Les vecteurs animaux, et en particulier les oiseaux, constituent une source potentielle de dispersion sur de moyennes et longues distances pour le Nephroma occultum (Goward, 1995a). Une étude (Bailey et James, 1979) a démontré que les propagules des lichens adhèrent aux pieds des oiseaux, ce qui pourrait permettre à de nouvelles colonies de lichen de s’établir ailleurs. La dispersion par les oiseaux pourrait expliquer en partie la répartition irrégulière du N. occultum parmi et dans les habitats convenables.

La faible capacité de dispersion des sorédies semble être un facteur limitant considérablement la répartition de cette espèce, mais l’abondance décroissante d’un habitat convenable est une contrainte de plus en plus sérieuse.

Conditions de croissance

Les conditions optimales de croissance du Nephroma occultum ont été décrites en détail par Goward (1995a) et sont résumées dans la présente section.

Au Canada, le Nephroma occultum pousse dans les régions où la température annuelle moyenne varie entre 4 et 10 °C et où l’écart moyen annuel des températures se situe entre 15 et 26 °C, selon la latitude. Ces conditions prévalent dans la zone côtière de la pruche de l’Ouest et la zone intérieure à thuya et pruche en Colombie-Britannique (Meidinger et Pojar, 1991).

L’une des principales caractéristiques des emplacements canadiens du Nephroma occultum est l’absence de sécheresse estivale. La zone côtière de la pruche de l’Ouest et la zone intérieure à thuya et pruche reçoivent toutes deux au moins 75 mm/mois de précipitations durant les mois d’été. Par contraste, on trouve rarement le N. occultum dans les régions qui reçoivent peu ou pas de précipitations durant l’été. Le brouillard estival permet au N. occultum d’occuper certains emplacements du sud (en Oregon, par exemple) qui reçoivent moins de pluie.

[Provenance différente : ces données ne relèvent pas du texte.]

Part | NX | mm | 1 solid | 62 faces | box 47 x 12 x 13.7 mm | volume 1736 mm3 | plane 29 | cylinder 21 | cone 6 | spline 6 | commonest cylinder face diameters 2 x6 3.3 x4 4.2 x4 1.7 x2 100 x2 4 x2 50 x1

Le Nephroma occultum est un lichen nutriphyte qui pousse sur une variété de conifères riches en nutriments. On l’observe rarement sur des arbres feuillus (à l’exception du Betula papyrifera et de l’Acer macrophyllum). Ce lichen occupe le plus souvent des forêts au sol riche en nutriments, à la topographie en pied de talus où le sol reçoit des apports en humidité et en nutriments à partir des terrains élevés avoisinants.

Adaptabilité etcompétition

Le Nephroma occultum est intolérant à la sécheresse estivale et produit des sorédies qui se dispersent inefficacement. Ces caractéristiques biologiques sont fréquentes chez plusieurs lichens tributaires des peuplements anciens (voir Goward, 1994; idem, 1995b; Goward et Pojar, 1998; Sillett et al., 2000) et correspondent à une adaptation aux conditions environnementales stables associées aux forêts très anciennes. De façon plus précise, les populations intérieures du N. occultum sont intolérantes aux perturbations qui modifient considérablement les microclimats humides. Les conditions environnementales dynamiques des jeunes peuplements gérés n’offrent pas de protection contre la sécheresse estivale et constituent donc un habitat inapproprié doté d’un macroclimat sec. Là où le macroclimat est convenable, par exemple dans les régions côtières ou en Oregon, la protection d’individus représentatifs dans les vestiges de peuplements anciens, qui joueraient le rôle de sources pour la dispersion de sorédies sur de courtes distances, pourrait constituer une stratégie efficace de conservation pour maintenir le N. occultum dans les jeunes peuplements gérés.

Le Nephroma occultum est un mauvais compétiteur. Goward (1995a) avance que l’espèce est délogée par les mousses et les hépatiques, en particulier dans les écosystèmes côtiers où les bryophytes sont les épiphytes dominantes. Le N. occultum peut demeurer dans les écosystèmes côtiers en colonisant les extrémités des branches dans les peuplements récents ou en occupant les branches plus hautes dans le couvert végétal, habitats qui sont moins favorables pour les bryophytes.